My understanding, though, is that all golden syrup is a mix of invert/non invert, but I have not been able to find any details on manufacturers websites, other than Lyles.
EDIT: silvers spoon golden syrup is listed on their site as also being partially inverted.The Canadian Sugar Institute also states that Golden Syrup is a blend of sucrose and invert sugar. link


----------



## Tim (11/9/08)

Wikipedia mentions that Golden Syrup is a form of invert sugar (definition). It also states that Golden Syrup derived from Cane Sugar is inverted, but hydrolysis of beet sugar leads to a mixture of invert and non invert.



> Lyle's golden syrup is a partially inverted sugar syrup. It consists of glucose and fructose syrup produced by inversion, which has been blended with the original sucrose syrup in a proportion that creates a thick mixture which does not crystallize.[1]



It also mentions the above as a trivial point of fact that Lyles is different from other Golden Syrups.

From this is it safe to assume that CSR Golden Syrup (being derived from caen sugar) is mroe completely hydrolysed/inverted than the Nth American Beet sugar derived varieties?


----------



## Tim (11/9/08)

The plot thickens, the wikipedia entry for Invert Sugar claim that Golden Syrup is 56% invert sugar!

I guess there is no right or wrong answer - and I guess its a reminder not to believe everything we read online!

http://en.wikipedia.org/wiki/Inverted_sugar_syrup


----------



## buttersd70 (11/9/08)

Tim said:


> The plot thickens, the wikipedia entry for Invert Sugar claim that Golden Syrup is 56% invert sugar!
> 
> I guess there is no right or wrong answer - and I guess its a reminder not to believe everything we read online!
> 
> http://en.wikipedia.org/wiki/Inverted_sugar_syrup



lol, now that you mention it, I have read those articles.  And it just goes to show just how innacurate, inconsistant, and contradictory Wikipedia can be. And kids nowadays think its the be all and bloody end all. If its on Wikipedia, it must be true  

I found that the golden syrup wiki entry was a little bit biased toward Lyles as a product, instead of talking about syrup in general. I notice that the Invert sugar wiki article is referring to golden syrup in general, and not lyles specifically. Further thickening of the plot comes from the sugar.ca link. On re reading it, even though most canadian sugar production is beet based, the golden syrup definition there refers to it being a cane product. :huh: Rogers Golden Syrup from Canada is almost word for word what the sugar.ca says, that its a blend of cane sugars. Interesting......

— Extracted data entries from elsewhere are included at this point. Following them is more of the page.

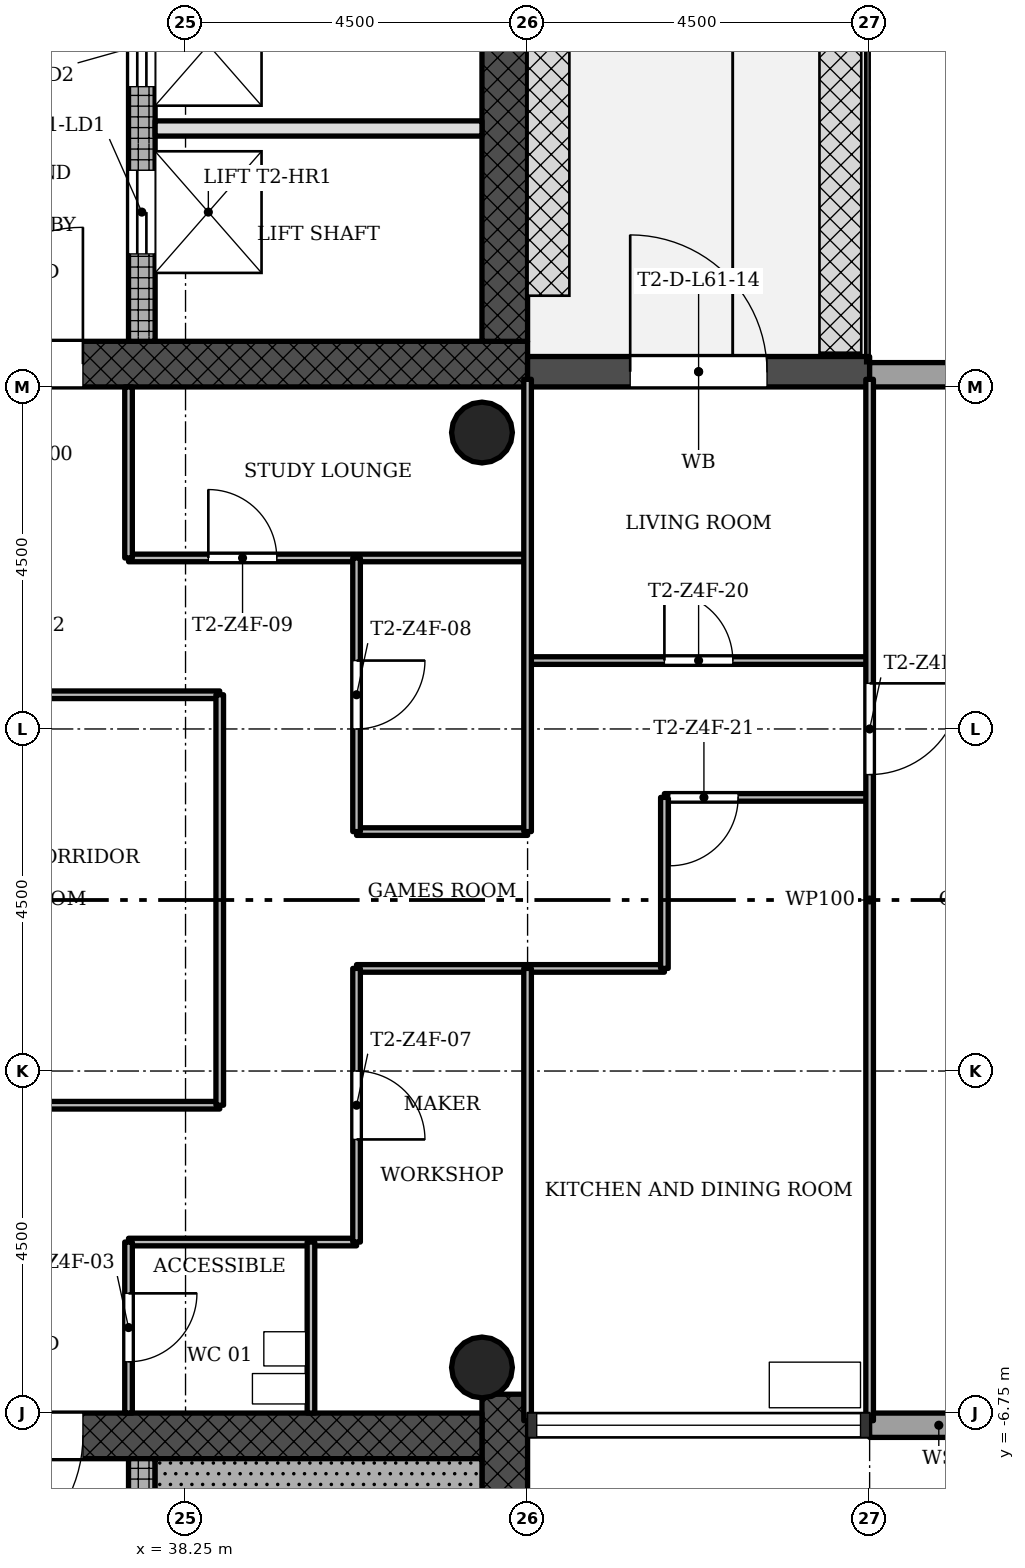
"""IFC4 building model, lengths in metres.
Left out: names, types, materials, properties, quantities, classifications, styles, units other than length and angle.
Written with IfcOpenShell. Run it as: python <this file> out.ifc"""

import sys

from ifc_helpers import new_model, si_unit, direction, frame, frame_2d, origin, origin_2d, place, context, subcontext, project, spatial, rectangle, hollow_circle, extrude, element, fill, save


model = new_model("IFC4")
c1 = context("Model", 3, precision=1e-05, world=origin(), true_north=direction((0.0, 1.0)))
c2 = subcontext(c1, "Body", "Model", "MODEL_VIEW")
j1 = project(units=[si_unit("LENGTHUNIT", "METRE"), si_unit("PLANEANGLEUNIT", "RADIAN")], contexts=[c1])
p1 = place(None, origin())
s1 = spatial("IfcSite", under=j1, at=p1, CompositionType="ELEMENT")
p2 = place(p1, origin())
s2 = spatial("IfcBuilding", under=s1, at=p2, CompositionType="ELEMENT")
p3 = place(p2, frame((0.0, 0.0, 219.8)))
s3 = spatial("IfcBuildingStorey", under=s2, at=p3, CompositionType="ELEMENT", Elevation=219.8)
p4 = place(p3, frame((29.85, 7.05, 0.0), z_axis=(0.0, 0.0, 1.0), x_axis=(1.0, 0.0, 0.0)))
e1 = element("IfcWall", 1, at=p4, inside=s3, PredefinedType="SHEAR", context=c2, shape_type="SweptSolid", body=[
    extrude(rectangle(XDim=12.9, YDim=0.6, at=frame_2d((6.45, 0.0))), origin(), (0.0, 0.0, 1.0), 3.4),
])
p5 = place(p4, frame((5.25, 0.0, 0.0)))
e2 = element("IfcOpeningElement", 2, at=p5, cuts=e1, PredefinedType="OPENING", context=c2, shape_type="SweptSolid", body=[
    extrude(rectangle(XDim=1.8, YDim=2.1, at=frame_2d((0.9, 1.05))), frame((0.0, 0.31, 0.0), z_axis=(0.0, -1.0, 0.0), x_axis=(1.0, 0.0, 0.0)), (0.0, 0.0, 1.0), 0.62),
])
p6 = place(p3, frame((42.45, 7.35, 0.0), z_axis=(0.0, 0.0, 1.0), x_axis=(0.0, 1.0, 0.0)))
e3 = element("IfcWall", 3, at=p6, inside=s3, PredefinedType="SHEAR", context=c2, shape_type="SweptSolid", body=[
    extrude(rectangle(XDim=8.4, YDim=0.6, at=frame_2d((4.2, 0.0))), origin(), (0.0, 0.0, 1.0), 3.4),
])
p7 = place(p3, frame((37.675, 7.35, 0.0), z_axis=(0.0, 0.0, 1.0), x_axis=(0.0, 1.0, 0.0)))
e4 = element("IfcWall", 4, at=p7, inside=s3, PredefinedType="SHEAR", context=c2, shape_type="SweptSolid", body=[
    extrude(rectangle(XDim=7.8, YDim=0.35, at=frame_2d((3.9, 0.0))), origin(), (0.0, 0.0, 1.0), 3.4),
])
p8 = place(p7, frame((1.15, 0.0, 0.0)))
e5 = element("IfcOpeningElement", 5, at=p8, cuts=e4, PredefinedType="OPENING", context=c2, shape_type="SweptSolid", body=[
    extrude(rectangle(XDim=1.1, YDim=2.1, at=frame_2d((0.55, 1.05))), frame((0.0, 0.185, 0.0), z_axis=(0.0, -1.0, 0.0), x_axis=(1.0, 0.0, 0.0)), (0.0, 0.0, 1.0), 0.37),
])
p9 = place(p7, frame((3.35, 0.0, 0.0)))
e6 = element("IfcOpeningElement", 6, at=p9, cuts=e4, PredefinedType="OPENING", context=c2, shape_type="SweptSolid", body=[
    extrude(rectangle(XDim=1.1, YDim=2.1, at=frame_2d((0.55, 1.05))), frame((0.0, 0.185, 0.0), z_axis=(0.0, -1.0, 0.0), x_axis=(1.0, 0.0, 0.0)), (0.0, 0.0, 1.0), 0.37),
])
p10 = place(p7, frame((5.55, 0.0, 0.0)))
e7 = element("IfcOpeningElement", 7, at=p10, cuts=e4, PredefinedType="OPENING", context=c2, shape_type="SweptSolid", body=[
    extrude(rectangle(XDim=1.1, YDim=2.1, at=frame_2d((0.55, 1.05))), frame((0.0, 0.185, 0.0), z_axis=(0.0, -1.0, 0.0), x_axis=(1.0, 0.0, 0.0)), (0.0, 0.0, 1.0), 0.37),
])
p11 = place(p3, frame((42.45, -15.15, 0.0), z_axis=(0.0, 0.0, 1.0), x_axis=(0.0, 1.0, 0.0)))
e8 = element("IfcWall", 8, at=p11, inside=s3, PredefinedType="SHEAR", context=c2, shape_type="SweptSolid", body=[
    extrude(rectangle(XDim=8.648, YDim=0.6, at=frame_2d((4.324, 0.0))), origin(), (0.0, 0.0, 1.0), 3.4),
])
p12 = place(p3, frame((42.15, -7.05, 0.0), z_axis=(0.0, 0.0, 1.0), x_axis=(-1.0, 0.0, 0.0)))
e9 = element("IfcWall", 9, at=p12, inside=s3, PredefinedType="SHEAR", context=c2, shape_type="SweptSolid", body=[
    extrude(rectangle(XDim=12.9, YDim=0.6, at=frame_2d((6.45, 0.0))), origin(), (0.0, 0.0, 1.0), 3.4),
])
p13 = place(p12, frame((5.25, 0.0, 0.0)))
e10 = element("IfcOpeningElement", 10, at=p13, cuts=e9, PredefinedType="OPENING", context=c2, shape_type="SweptSolid", body=[
    extrude(rectangle(XDim=1.8, YDim=2.1, at=frame_2d((0.9, 1.05))), frame((0.0, 0.31, 0.0), z_axis=(0.0, -1.0, 0.0), x_axis=(1.0, 0.0, 0.0)), (0.0, 0.0, 1.0), 0.62),
])
p14 = place(p3, frame((37.675, -15.15, 0.0), z_axis=(0.0, 0.0, 1.0), x_axis=(0.0, 1.0, 0.0)))
e11 = element("IfcWall", 11, at=p14, inside=s3, PredefinedType="SHEAR", context=c2, shape_type="SweptSolid", body=[
    extrude(rectangle(XDim=7.8, YDim=0.35, at=frame_2d((3.9, 0.0))), origin(), (0.0, 0.0, 1.0), 3.4),
])
p15 = place(p14, frame((5.85, 0.0, 0.0)))
e12 = element("IfcOpeningElement", 12, at=p15, cuts=e11, PredefinedType="OPENING", context=c2, shape_type="SweptSolid", body=[
    extrude(rectangle(XDim=0.9, YDim=2.1, at=frame_2d((0.45, 1.05))), frame((0.0, 0.185, 0.0), z_axis=(0.0, -1.0, 0.0), x_axis=(1.0, 0.0, 0.0)), (0.0, 0.0, 1.0), 0.37),
])
for number, where, z_axis, x_axis in (
    (13, (42.15, -6.15, 0.0), (0.0, 0.0, 1.0), (1.0, 0.0, 0.0)),
    (14, (42.15, 6.15, 0.0), (0.0, 0.0, 1.0), (1.0, 0.0, 0.0)),
):
    element("IfcColumn", number, at=place(p3, frame(where, z_axis=z_axis, x_axis=x_axis)), inside=s3, PredefinedType="COLUMN", context=c2, shape_type="SweptSolid", body=[
        extrude(hollow_circle(Radius=0.4, WallThickness=0.028, at=origin_2d()), origin(), (0.0, 0.0, 1.0), 3.4),
    ])
p16 = place(p3, frame((47.25, -6.91, -0.3), z_axis=(0.0, 0.0, 1.0), x_axis=(1.0, 0.0, 0.0)))
e15 = element("IfcWall", 15, at=p16, inside=s3, PredefinedType="STANDARD", context=c2, shape_type="SweptSolid", body=[
    extrude(rectangle(XDim=1.82, YDim=0.32, at=frame_2d((0.91, 0.0))), origin(), (0.0, 0.0, 1.0), 3.4),
])
p17 = place(p3, frame((48.75, 6.91, -0.3), z_axis=(0.0, 0.0, 1.0), x_axis=(-1.0, 0.0, 0.0)))
e16 = element("IfcWall", 16, at=p17, inside=s3, PredefinedType="STANDARD", context=c2, shape_type="SweptSolid", body=[
    extrude(rectangle(XDim=1.5, YDim=0.32, at=frame_2d((0.75, 0.0))), origin(), (0.0, 0.0, 1.0), 3.4),
])
p18 = place(p3, frame((47.25, 6.95, -0.02), z_axis=(0.0, 0.0, 1.0), x_axis=(-1.0, 0.0, 0.0)))
e17 = element("IfcWall", 17, at=p18, inside=s3, PredefinedType="STANDARD", context=c2, shape_type="SweptSolid", body=[
    extrude(rectangle(XDim=4.5, YDim=0.4, at=frame_2d((2.25, 0.0))), origin(), (0.0, 0.0, 1.0), 3.12),
])
p19 = place(p18, frame((1.35, 0.0, 0.02)))
e18 = element("IfcOpeningElement", 18, at=p19, cuts=e17, PredefinedType="OPENING", context=c2, shape_type="SweptSolid", body=[
    extrude(rectangle(XDim=1.8, YDim=2.1, at=frame_2d((0.9, 1.05))), frame((0.0, 0.21, 0.0), z_axis=(0.0, -1.0, 0.0), x_axis=(1.0, 0.0, 0.0)), (0.0, 0.0, 1.0), 0.42),
])
p20 = place(p3, frame((42.15, 10.15, 0.0), z_axis=(0.0, 0.0, 1.0), x_axis=(-1.0, 0.0, 0.0)))
e19 = element("IfcWall", 19, at=p20, inside=s3, PredefinedType="SOLIDWALL", context=c2, shape_type="SweptSolid", body=[
    extrude(rectangle(XDim=4.3, YDim=0.2, at=frame_2d((2.15, 0.0))), origin(), (0.0, 0.0, 1.0), 3.0),
])
p21 = place(p3, frame((40.5, -4.5, 0.0), z_axis=(0.0, 0.0, 1.0), x_axis=(-1.0, 0.0, 0.0)))
e20 = element("IfcWall", 20, at=p21, inside=s3, PredefinedType="PARTITIONING", context=c2, shape_type="SweptSolid", body=[
    extrude(rectangle(XDim=3.0, YDim=0.1, at=frame_2d((1.5, 0.0))), origin(), (0.0, 0.0, 1.0), 3.0),
])
p22 = place(p3, frame((38.7, -2.7, 0.0), z_axis=(0.0, 0.0, 1.0), x_axis=(-1.0, 0.0, 0.0)))
e21 = element("IfcWall", 21, at=p22, inside=s3, PredefinedType="PARTITIONING", context=c2, shape_type="SweptSolid", body=[
    extrude(rectangle(XDim=5.4, YDim=0.1, at=frame_2d((2.7, 0.0))), origin(), (0.0, 0.0, 1.0), 3.0),
])
p23 = place(p3, frame((44.55, -0.9, 0.0), z_axis=(0.0, 0.0, 1.0), x_axis=(-1.0, 0.0, 0.0)))
e22 = element("IfcWall", 22, at=p23, inside=s3, PredefinedType="PARTITIONING", context=c2, shape_type="SweptSolid", body=[
    extrude(rectangle(XDim=4.05, YDim=0.1, at=frame_2d((2.025, 0.0))), origin(), (0.0, 0.0, 1.0), 3.0),
])
p24 = place(p3, frame((42.75, 0.9, 0.0), z_axis=(0.0, 0.0, 1.0), x_axis=(-1.0, 0.0, 0.0)))
e23 = element("IfcWall", 23, at=p24, inside=s3, PredefinedType="PARTITIONING", context=c2, shape_type="SweptSolid", body=[
    extrude(rectangle(XDim=2.25, YDim=0.1, at=frame_2d((1.125, 0.0))), origin(), (0.0, 0.0, 1.0), 3.0),
])
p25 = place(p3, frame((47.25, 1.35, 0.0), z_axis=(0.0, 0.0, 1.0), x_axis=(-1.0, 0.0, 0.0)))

As far as CSR is concerned....well, that will be a cane product. Thats a no-brainer. As for invert/non invert? I can only make supposition on this. Having used both Lyles and CSR extensively (in baking), I have made the following observations.....

CSR is more prone to crystilisation in storage. CSR is harsher in flavour, and less sweet than lyles, with a slight bitter endnote on the palate. So from this, I would make the conclusion that not only is CSR a blend of invert/non invert, but that it has a lower percentage of invert sugar than lyles does, due to the fact that invert sugar is less likely to crystalise, and is sweeter than sucrose. As I said, this is all observational, with no empirical data, but logic leads me to those conlusions.

I find it interesting that all the manufacturers websites (at least the ones that I have been to) either state that it is a blend of invert and non inverted, or make no statement at all about the nature of their product. I have yet to find one that says it is 100% inverted.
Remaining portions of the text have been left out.